Turning to the field of construction, we note that the world’s tallest building in 1859 was Strasbourg Cathedral, which used the same stone-on-stone construction method as the Pyramids and the Parthenon. Several other cathedrals, which were in various stages of completion, progressively took the title of world’s tallest building: the Church of St Nicholas, in Hamburg, in 1874; Rouen Cathedral in 1876, and Cologne Cathedral in 1880. But the Eiffel Tower, completed in 1889, presaged the emergence of tall wrought iron or steel-framed buildings. This construction method, which resulted in buildings known as skyscrapers, completely revolutionized the speed at which buildings were completed and their attainable height. The Empire State Building, with a roof height of 1250 feet, was well over double the height of the tallest cathedrals, and this immense building was completed in 1931 after a construction period of less than two years.
The third technological area is ocean-going transport. The age of sail commenced in antiquity. King Solomon maintained a fleet of ships (1 Kings 9) and the ancient Phoenicians were well-known for their seafaring prowess.
But the crowning achievement of the age of sail—the fastest ships of all—were the tea clippers. An early clipper, the Rainbow, was considered a revolution in naval architecture when it was built in 1845. Its performance in the water was in keeping with its sleek lines, easily outpacing all other ships then in service. (In fact, tea clippers may have been the only ships in history that could outpace the highway traffic of their era; the fastest transatlantic crossing by a clipper was completed at an average speed nearly twenty percent faster than a horse and carriage could average on a good road.) The most famous tea clipper, Cutty Sark, was launched in 1869 (which, incidentally, was ten years after the publication of Origin).

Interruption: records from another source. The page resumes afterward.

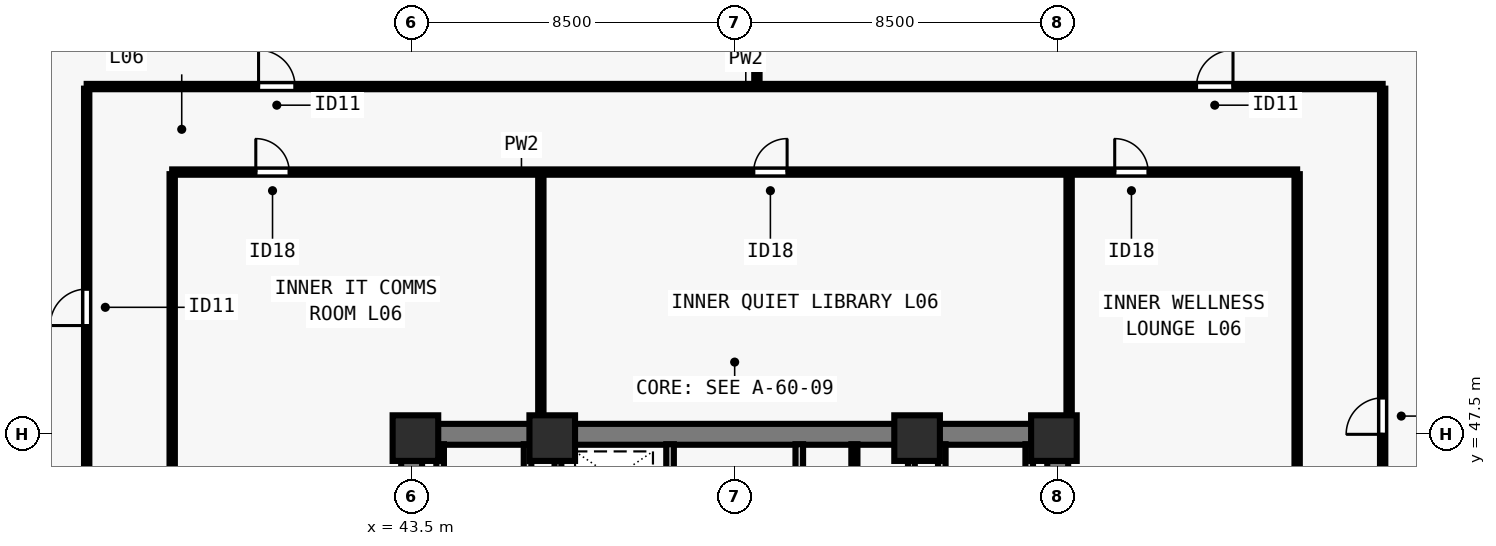
"""IFC4 building model, lengths in metres.
Left out: names, types, materials, properties, quantities, classifications, styles, units other than length and angle.
Written with IfcOpenShell. Run it as: python <this file> out.ifc"""

import sys

from ifc_helpers import new_model, si_unit, direction, frame, frame_2d, origin, origin_2d, place, context, subcontext, project, spatial, rectangle, extrude, element, fill, save


model = new_model("IFC4")
c1 = context("Model", 3, precision=1e-05, world=origin(), true_north=direction((0.0, 1.0)))
c2 = subcontext(c1, "Body", "Model", "MODEL_VIEW")
j1 = project(units=[si_unit("LENGTHUNIT", "METRE"), si_unit("PLANEANGLEUNIT", "RADIAN")], contexts=[c1])
p1 = place(None, origin())
s1 = spatial("IfcSite", under=j1, at=p1, CompositionType="ELEMENT")
p2 = place(p1, origin())
s2 = spatial("IfcBuilding", under=s1, at=p2, CompositionType="ELEMENT")
p3 = place(p2, frame((0.0, 0.0, 27.0)))
s3 = spatial("IfcBuildingStorey", under=s2, at=p3, CompositionType="ELEMENT", Elevation=27.0)
for number, where, z_axis, x_axis in (
    (1, (43.6, 47.4, 0.0), (0.0, 0.0, 1.0), (1.0, 0.0, 0.0)),
    (2, (47.2, 47.4, 0.0), (0.0, 0.0, 1.0), (1.0, 0.0, 0.0)),
    (3, (56.8, 47.4, 0.0), (0.0, 0.0, 1.0), (1.0, 0.0, 0.0)),
    (4, (60.4, 47.4, 0.0), (0.0, 0.0, 1.0), (1.0, 0.0, 0.0)),
):
    element("IfcColumn", number, at=place(p3, frame(where, z_axis=z_axis, x_axis=x_axis)), inside=s3, PredefinedType="COLUMN", context=c2, shape_type="SweptSolid", body=[
        extrude(rectangle(XDim=1.2, YDim=1.2, at=origin_2d()), origin(), (0.0, 0.0, 1.0), 3.5),
    ])
p4 = place(p3, frame((43.225, 47.5, 0.0), z_axis=(0.0, 0.0, 1.0), x_axis=(1.0, 0.0, 0.0)))
e5 = element("IfcWall", 5, at=p4, inside=s3, PredefinedType="SHEAR", context=c2, shape_type="SweptSolid", body=[
    extrude(rectangle(XDim=17.55, YDim=0.55, at=frame_2d((8.775, 0.0))), origin(), (0.0, 0.0, 1.0), 3.28),
])
for number, where, z_axis, x_axis in (
    (6, (43.5, 40.8, 0.0), (0.0, 0.0, 1.0), (0.0, 1.0, 0.0)),
    (7, (60.5, 40.8, 0.0), (0.0, 0.0, 1.0), (0.0, 1.0, 0.0)),
):
    element("IfcWall", number, at=place(p3, frame(where, z_axis=z_axis, x_axis=x_axis)), inside=s3, PredefinedType="SHEAR", context=c2, shape_type="SweptSolid", body=[
        extrude(rectangle(XDim=6.435, YDim=0.55, at=frame_2d((3.218, 0.0))), origin(), (0.0, 0.0, 1.0), 3.28),
    ])
p5 = place(p3, frame((50.3, 40.585, 0.0), z_axis=(0.0, 0.0, 1.0), x_axis=(0.0, 1.0, 0.0)))
e8 = element("IfcWall", 8, at=p5, inside=s3, PredefinedType="SOLIDWALL", context=c2, shape_type="SweptSolid", body=[
    extrude(rectangle(XDim=6.655, YDim=0.2, at=frame_2d((3.328, 0.0))), origin(), (0.0, 0.0, 1.0), 3.28),
])
p6 = place(p5, frame((5.065, 0.0, 0.0)))
e9 = element("IfcOpeningElement", 9, at=p6, cuts=e8, PredefinedType="OPENING", context=c2, shape_type="SweptSolid", body=[
    extrude(rectangle(XDim=0.8, YDim=2.08, at=frame_2d((0.4, 1.04))), frame((0.0, 0.11, 0.0), z_axis=(0.0, -1.0, 0.0), x_axis=(1.0, 0.0, 0.0)), (0.0, 0.0, 1.0), 0.22),
])
p7 = place(p3, frame((53.7, 40.585, 0.0), z_axis=(0.0, 0.0, 1.0), x_axis=(0.0, 1.0, 0.0)))
e10 = element("IfcWall", 10, at=p7, inside=s3, PredefinedType="SOLIDWALL", context=c2, shape_type="SweptSolid", body=[
    extrude(rectangle(XDim=6.655, YDim=0.2, at=frame_2d((3.328, 0.0))), origin(), (0.0, 0.0, 1.0), 3.28),
])
p8 = place(p7, frame((0.195, 0.0, 0.0)))
e11 = element("IfcOpeningElement", 11, at=p8, cuts=e10, PredefinedType="OPENING", context=c2, shape_type="SweptSolid", body=[
    extrude(rectangle(XDim=0.8, YDim=2.08, at=frame_2d((0.4, 1.04))), frame((0.0, 0.11, 0.0), z_axis=(0.0, -1.0, 0.0), x_axis=(1.0, 0.0, 0.0)), (0.0, 0.0, 1.0), 0.22),
])
p9 = place(p7, frame((4.265, 0.0, 0.0)))
e12 = element("IfcOpeningElement", 12, at=p9, cuts=e10, PredefinedType="OPENING", context=c2, shape_type="SweptSolid", body=[
    extrude(rectangle(XDim=0.95, YDim=2.12, at=frame_2d((0.475, 1.06))), frame((0.0, 0.11, 0.0), z_axis=(0.0, -1.0, 0.0), x_axis=(1.0, 0.0, 0.0)), (0.0, 0.0, 1.0), 0.22),
])
for number, where, z_axis, x_axis in (
    (13, (46.55, 43.735, 0.0), (0.0, 0.0, 1.0), (0.0, 1.0, 0.0)),
    (14, (44.25, 43.735, 0.0), (0.0, 0.0, 1.0), (0.0, 1.0, 0.0)),
    (15, (57.45, 43.735, 0.0), (0.0, 0.0, 1.0), (0.0, 1.0, 0.0)),
    (16, (59.75, 43.735, 0.0), (0.0, 0.0, 1.0), (0.0, 1.0, 0.0)),
):
    element("IfcWall", number, at=place(p3, frame(where, z_axis=z_axis, x_axis=x_axis)), inside=s3, PredefinedType="SOLIDWALL", context=c2, shape_type="SweptSolid", body=[
        extrude(rectangle(XDim=3.505, YDim=0.2, at=frame_2d((1.752, 0.0))), origin(), (0.0, 0.0, 1.0), 3.28),
    ])
for number, where, z_axis, x_axis in (
    (17, (47.35, 43.735, 0.0), (0.0, 0.0, 1.0), (0.0, 1.0, 0.0)),
    (18, (56.65, 43.735, 0.0), (0.0, 0.0, 1.0), (0.0, 1.0, 0.0)),
):
    element("IfcWall", number, at=place(p3, frame(where, z_axis=z_axis, x_axis=x_axis)), inside=s3, PredefinedType="SOLIDWALL", context=c2, shape_type="SweptSolid", body=[
        extrude(rectangle(XDim=3.505, YDim=0.18, at=frame_2d((1.752, 0.0))), origin(), (0.0, 0.0, 1.0), 3.28),
    ])
p10 = place(p3, frame((55.15, 44.195, 0.0), z_axis=(0.0, 0.0, 1.0), x_axis=(0.0, 1.0, 0.0)))
e19 = element("IfcWall", 19, at=p10, inside=s3, PredefinedType="PARTITIONING", context=c2, shape_type="SweptSolid", body=[
    extrude(rectangle(XDim=3.045, YDim=0.16, at=frame_2d((1.522, 0.0))), origin(), (0.0, 0.0, 1.0), 3.28),
])
p11 = place(p10, frame((1.025, 0.0, 0.0)))
e20 = element("IfcOpeningElement", 20, at=p11, cuts=e19, PredefinedType="OPENING", context=c2, shape_type="SweptSolid", body=[
    extrude(rectangle(XDim=0.8, YDim=2.1, at=frame_2d((0.4, 1.05))), frame((0.0, 0.09, 0.0), z_axis=(0.0, -1.0, 0.0), x_axis=(1.0, 0.0, 0.0)), (0.0, 0.0, 1.0), 0.18),
])
p12 = place(p3, frame((34.95, 56.65, 0.0), z_axis=(0.0, 0.0, 1.0), x_axis=(1.0, 0.0, 0.0)))
e21 = element("IfcWall", 21, at=p12, inside=s3, PredefinedType="PARTITIONING", context=c2, shape_type="SweptSolid", body=[
    extrude(rectangle(XDim=34.1, YDim=0.14, at=frame_2d((17.05, 0.0))), origin(), (0.0, 0.0, 1.0), 3.28),
])
p13 = place(p12, frame((4.522, 0.0, 0.0)))
e22 = element("IfcOpeningElement", 22, at=p13, cuts=e21, PredefinedType="OPENING", context=c2, shape_type="SweptSolid", body=[
    extrude(rectangle(XDim=0.96, YDim=2.12, at=frame_2d((0.48, 1.06))), frame((0.0, 0.08, 0.0), z_axis=(0.0, -1.0, 0.0), x_axis=(1.0, 0.0, 0.0)), (0.0, 0.0, 1.0), 0.16),
])
p14 = place(p12, frame((29.202, 0.0, 0.0)))
e23 = element("IfcOpeningElement", 23, at=p14, cuts=e21, PredefinedType="OPENING", context=c2, shape_type="SweptSolid", body=[
    extrude(rectangle(XDim=0.96, YDim=2.12, at=frame_2d((0.48, 1.06))), frame((0.0, 0.08, 0.0), z_axis=(0.0, -1.0, 0.0), x_axis=(1.0, 0.0, 0.0)), (0.0, 0.0, 1.0), 0.16),
])
p15 = place(p3, frame((34.95, 21.405, 0.0), z_axis=(0.0, 0.0, 1.0), x_axis=(0.0, 1.0, 0.0)))
e24 = element("IfcWall", 24, at=p15, inside=s3, PredefinedType="PARTITIONING", context=c2, shape_type="SweptSolid", body=[
    extrude(rectangle(XDim=35.19, YDim=0.14, at=frame_2d((17.595, 0.0))), origin(), (0.0, 0.0, 1.0), 3.28),
])
p16 = place(p15, frame((5.21, 0.0, 0.0)))
e25 = element("IfcOpeningElement", 25, at=p16, cuts=e24, PredefinedType="OPENING", context=c2, shape_type="SweptSolid", body=[
    extrude(rectangle(XDim=0.96, YDim=2.12, at=frame_2d((0.48, 1.06))), frame((0.0, 0.08, 0.0), z_axis=(0.0, -1.0, 0.0), x_axis=(1.0, 0.0, 0.0)), (0.0, 0.0, 1.0), 0.16),
])
p17 = place(p15, frame((17.052, 0.0, 0.0)))
e26 = element("IfcOpeningElement", 26, at=p17, cuts=e24, PredefinedType="OPENING", context=c2, shape_type="SweptSolid", body=[
    extrude(rectangle(XDim=0.96, YDim=2.12, at=frame_2d((0.48, 1.06))), frame((0.0, 0.08, 0.0), z_axis=(0.0, -1.0, 0.0), x_axis=(1.0, 0.0, 0.0)), (0.0, 0.0, 1.0), 0.16),
])
p18 = place(p15, frame((28.957, 0.0, 0.0)))
e27 = element("IfcOpeningElement", 27, at=p18, cuts=e24, PredefinedType="OPENING", context=c2, shape_type="SweptSolid", body=[
    extrude(rectangle(XDim=0.96, YDim=2.12, at=frame_2d((0.48, 1.06))), frame((0.0, 0.08, 0.0), z_axis=(0.0, -1.0, 0.0), x_axis=(1.0, 0.0, 0.0)), (0.0, 0.0, 1.0), 0.16),
])
p19 = place(p3, frame((69.05, 21.405, 0.0), z_axis=(0.0, 0.0, 1.0), x_axis=(0.0, 1.0, 0.0)))
e28 = element("IfcWall", 28, at=p19, inside=s3, PredefinedType="PARTITIONING", context=c2, shape_type="SweptSolid", body=[
    extrude(rectangle(XDim=35.19, YDim=0.14, at=frame_2d((17.595, 0.0))), origin(), (0.0, 0.0, 1.0), 3.28),
])
p20 = place(p19, frame((8.545, 0.0, 0.0)))
e29 = element("IfcOpeningElement", 29, at=p20, cuts=e28, PredefinedType="OPENING", context=c2, shape_type="SweptSolid", body=[
    extrude(rectangle(XDim=0.96, YDim=2.12, at=frame_2d((0.48, 1.06))), frame((0.0, 0.08, 0.0), z_axis=(0.0, -1.0, 0.0), x_axis=(1.0, 0.0, 0.0)), (0.0, 0.0, 1.0), 0.16),
])
p21 = place(p19, frame((26.095, 0.0, 0.0)))
e30 = element("IfcOpeningElement", 30, at=p21, cuts=e28, PredefinedType="OPENING", context=c2, shape_type="SweptSolid", body=[
    extrude(rectangle(XDim=0.96, YDim=2.12, at=frame_2d((0.48, 1.06))), frame((0.0, 0.08, 0.0), z_axis=(0.0, -1.0, 0.0), x_axis=(1.0, 0.0, 0.0)), (0.0, 0.0, 1.0), 0.16),
])
p22 = place(p3, frame((37.2, 54.4, 0.0), z_axis=(0.0, 0.0, 1.0), x_axis=(1.0, 0.0, 0.0)))
e31 = element("IfcWall", 31, at=p22, inside=s3, PredefinedType="PARTITIONING", context=c2, shape_type="SweptSolid", body=[
    extrude(rectangle(XDim=29.6, YDim=0.14, at=frame_2d((14.8, 0.0))), origin(), (0.0, 0.0, 1.0), 3.28),
])
p23 = place(p22, frame((2.2, 0.0, 0.0)))
e32 = element("IfcOpeningElement", 32, at=p23, cuts=e31, PredefinedType="OPENING", context=c2, shape_type="SweptSolid", body=[
    extrude(rectangle(XDim=0.88, YDim=2.1, at=frame_2d((0.44, 1.05))), frame((0.0, 0.08, 0.0), z_axis=(0.0, -1.0, 0.0), x_axis=(1.0, 0.0, 0.0)), (0.0, 0.0, 1.0), 0.16),
])
p24 = place(p22, frame((15.3, 0.0, 0.0)))
e33 = element("IfcOpeningElement", 33, at=p24, cuts=e31, PredefinedType="OPENING", context=c2, shape_type="SweptSolid", body=[
    extrude(rectangle(XDim=0.88, YDim=2.1, at=frame_2d((0.44, 1.05))), frame((0.0, 0.08, 0.0), z_axis=(0.0, -1.0, 0.0), x_axis=(1.0, 0.0, 0.0)), (0.0, 0.0, 1.0), 0.16),
])
p25 = place(p22, frame((24.8, 0.0, 0.0)))
e34 = element("IfcOpeningElement", 34, at=p25, cuts=e31, PredefinedType="OPENING", context=c2, shape_type="SweptSolid", body=[
    extrude(rectangle(XDim=0.88, YDim=2.1, at=frame_2d((0.44, 1.05))), frame((0.0, 0.08, 0.0), z_axis=(0.0, -1.0, 0.0), x_axis=(1.0, 0.0, 0.0)), (0.0, 0.0, 1.0), 0.16),
])
p26 = place(p3, frame((37.2, 40.8, 0.0), z_axis=(0.0, 0.0, 1.0), x_axis=(0.0, 1.0, 0.0)))
e35 = element("IfcWall", 35, at=p26, inside=s3, PredefinedType="PARTITIONING", context=c2, shape_type="SweptSolid", body=[
    extrude(rectangle(XDim=13.545, YDim=0.14, at=frame_2d((6.772, 0.0))), origin(), (0.0, 0.0, 1.0), 3.28),
])
p27 = place(p26, frame((2.5, 0.0, 0.0)))
e36 = element("IfcOpeningElement", 36, at=p27, cuts=e35, PredefinedType="OPENING", context=c2, shape_type="SweptSolid", body=[
    extrude(rectangle(XDim=0.88, YDim=2.1, at=frame_2d((0.44, 1.05))), frame((0.0, 0.08, 0.0), z_axis=(0.0, -1.0, 0.0), x_axis=(1.0, 0.0, 0.0)), (0.0, 0.0, 1.0), 0.16),
])
p28 = place(p3, frame((66.8, 40.8, 0.0), z_axis=(0.0, 0.0, 1.0), x_axis=(0.0, 1.0, 0.0)))
e37 = element("IfcWall", 37, at=p28, inside=s3, PredefinedType="PARTITIONING", context=c2, shape_type="SweptSolid", body=[
    extrude(rectangle(XDim=13.545, YDim=0.14, at=frame_2d((6.772, 0.0))), origin(), (0.0, 0.0, 1.0), 3.28),
])
p29 = place(p28, frame((2.5, 0.0, 0.0)))
e38 = element("IfcOpeningElement", 38, at=p29, cuts=e37, PredefinedType="OPENING", context=c2, shape_type="SweptSolid", body=[
    extrude(rectangle(XDim=0.88, YDim=2.1, at=frame_2d((0.44, 1.05))), frame((0.0, 0.08, 0.0), z_axis=(0.0, -1.0, 0.0), x_axis=(1.0, 0.0, 0.0)), (0.0, 0.0, 1.0), 0.16),
])
p30 = place(p3, frame((46.9, 47.76, 0.0), z_axis=(0.0, 0.0, 1.0), x_axis=(0.0, 1.0, 0.0)))
e39 = element("IfcWall", 39, at=p30, inside=s3, PredefinedType="PARTITIONING", context=c2, shape_type="SweptSolid", body=[
    extrude(rectangle(XDim=6.585, YDim=0.14, at=frame_2d((3.292, 0.0))), origin(), (0.0, 0.0, 1.0), 3.28),
])
p31 = place(p3, frame((60.8, 47.76, 0.0), z_axis=(0.0, 0.0, 1.0), x_axis=(0.0, 1.0, 0.0)))
e40 = element("IfcWall", 40, at=p31, inside=s3, PredefinedType="PARTITIONING", context=c2, shape_type="SweptSolid", body=[
    extrude(rectangle(XDim=6.585, YDim=0.14, at=frame_2d((3.292, 0.0))), origin(), (0.0, 0.0, 1.0), 2.439),
])
p32 = place(p3, frame((52.585, 56.75, 0.0), z_axis=(0.0, 0.0, 1.0), x_axis=(0.0, 1.0, 0.0)))
e41 = element("IfcWall", 41, at=p32, inside=s3, PredefinedType="PARTITIONING", context=c2, shape_type="SweptSolid", body=[
    extrude(rectangle(XDim=7.33, YDim=0.14, at=frame_2d((3.665, 0.0))), origin(), (0.0, 0.0, 1.0), 2.849),
])
p33 = place(p23, origin())
e42 = element("IfcDoor", 42, at=p33, inside=s3, OperationType="SINGLE_SWING_LEFT", PredefinedType="DOOR", context=c2, shape_type="SweptSolid", body=[
    extrude(rectangle(XDim=0.88, YDim=2.1, at=frame_2d((0.44, 1.05))), frame((0.0, 0.025, 0.0), z_axis=(0.0, -1.0, 0.0), x_axis=(1.0, 0.0, 0.0)), (0.0, 0.0, 1.0), 0.05),
])
fill(e32, e42)
p34 = place(p24, origin())
e43 = element("IfcDoor", 43, at=p34, inside=s3, OperationType="SINGLE_SWING_RIGHT", PredefinedType="DOOR", context=c2, shape_type="SweptSolid", body=[
    extrude(rectangle(XDim=0.88, YDim=2.1, at=frame_2d((0.44, 1.05))), frame((0.0, 0.025, 0.0), z_axis=(0.0, -1.0, 0.0), x_axis=(1.0, 0.0, 0.0)), (0.0, 0.0, 1.0), 0.05),
])
fill(e33, e43)
p35 = place(p25, origin())
e44 = element("IfcDoor", 44, at=p35, inside=s3, OperationType="SINGLE_SWING_LEFT", PredefinedType="DOOR", context=c2, shape_type="SweptSolid", body=[
    extrude(rectangle(XDim=0.88, YDim=2.1, at=frame_2d((0.44, 1.05))), frame((0.0, 0.025, 0.0), z_axis=(0.0, -1.0, 0.0), x_axis=(1.0, 0.0, 0.0)), (0.0, 0.0, 1.0), 0.05),
])
fill(e34, e44)
p36 = place(p13, origin())
e45 = element("IfcDoor", 45, at=p36, inside=s3, OperationType="SINGLE_SWING_LEFT", PredefinedType="DOOR", context=c2, shape_type="SweptSolid", body=[
    extrude(rectangle(XDim=0.96, YDim=2.12, at=frame_2d((0.48, 1.06))), frame((0.0, 0.025, 0.0), z_axis=(0.0, -1.0, 0.0), x_axis=(1.0, 0.0, 0.0)), (0.0, 0.0, 1.0), 0.05),
])
fill(e22, e45)
p37 = place(p14, origin())
e46 = element("IfcDoor", 46, at=p37, inside=s3, OperationType="SINGLE_SWING_RIGHT", PredefinedType="DOOR", context=c2, shape_type="SweptSolid", body=[
    extrude(rectangle(XDim=0.96, YDim=2.12, at=frame_2d((0.48, 1.06))), frame((0.0, 0.025, 0.0), z_axis=(0.0, -1.0, 0.0), x_axis=(1.0, 0.0, 0.0)), (0.0, 0.0, 1.0), 0.05),
])
fill(e23, e46)
p38 = place(p18, origin())
e47 = element("IfcDoor", 47, at=p38, inside=s3, OperationType="SINGLE_SWING_LEFT", PredefinedType="DOOR", context=c2, shape_type="SweptSolid", body=[
    extrude(rectangle(XDim=0.96, YDim=2.12, at=frame_2d((0.48, 1.06))), frame((0.0, 0.025, 0.0), z_axis=(0.0, -1.0, 0.0), x_axis=(1.0, 0.0, 0.0)), (0.0, 0.0, 1.0), 0.05),
])
fill(e27, e47)
p39 = place(p21, origin())
e48 = element("IfcDoor", 48, at=p39, inside=s3, OperationType="SINGLE_SWING_LEFT", PredefinedType="DOOR", context=c2, shape_type="SweptSolid", body=[
    extrude(rectangle(XDim=0.96, YDim=2.12, at=frame_2d((0.48, 1.06))), frame((0.0, 0.025, 0.0), z_axis=(0.0, -1.0, 0.0), x_axis=(1.0, 0.0, 0.0)), (0.0, 0.0, 1.0), 0.05),
])
fill(e30, e48)
save(model, sys.argv[1])

Of course, a real revolution was in the offing; by the 1870s, steamships, which, unlike the tea clippers, could utilize the Suez Canal, were voyaging from China to Britain in just over 50 days. This slashed the 90–100 day period of the fastest tea clipper passages.
Both Newton’s and Darwin’s theories were like tea clippers—apparently revolutionary, they were actually the last and highest forms of ancient templates, all of which were about to be overrun by far larger revolutions. The notion that Darwin followed the template of the Greeks is widely accepted.[4] Edward Clodd, cited earlier, wrote Pioneers of Evolution From Thales to Huxley (1897),[5] and Henry Fairfield Osborn, Professor of Zoology at Columbia University, wrote From the Greeks to Darwin: An Outline of the Development of the Evolution Idea (1894).
But regarding timing, we can go further and say that Newton’s laws of gravitation and motion were like the Rainbow, which entered service decades before the Suez Canal opened and the steamships took over. In an analogous way, Newton’s laws, published in 1687, seemed assured, as non-Euclidean geometry was only discovered some 140 years later. Darwin’s theory of evolution by natural selection, on the other hand, is analogous to the Cutty Sark, which launched in the same year that the Suez Canal made available a shortcut to steamships. Darwin published Origin at almost exactly the time when spontaneous generation was disproven.
[1] Vallery-Radot, 1920, p. 87.
[2] Ibid., p. 88.
[3] Peretó, Bada, & Lazcano, 2009.
[4] For an alternate view see: Zuiddam, Benno (2018) “Was evolution invented by Greek philosophers?”, Journal of Creation, 32(1):68–75.
[5] Thales of Miletus was an ancient Greek philosopher.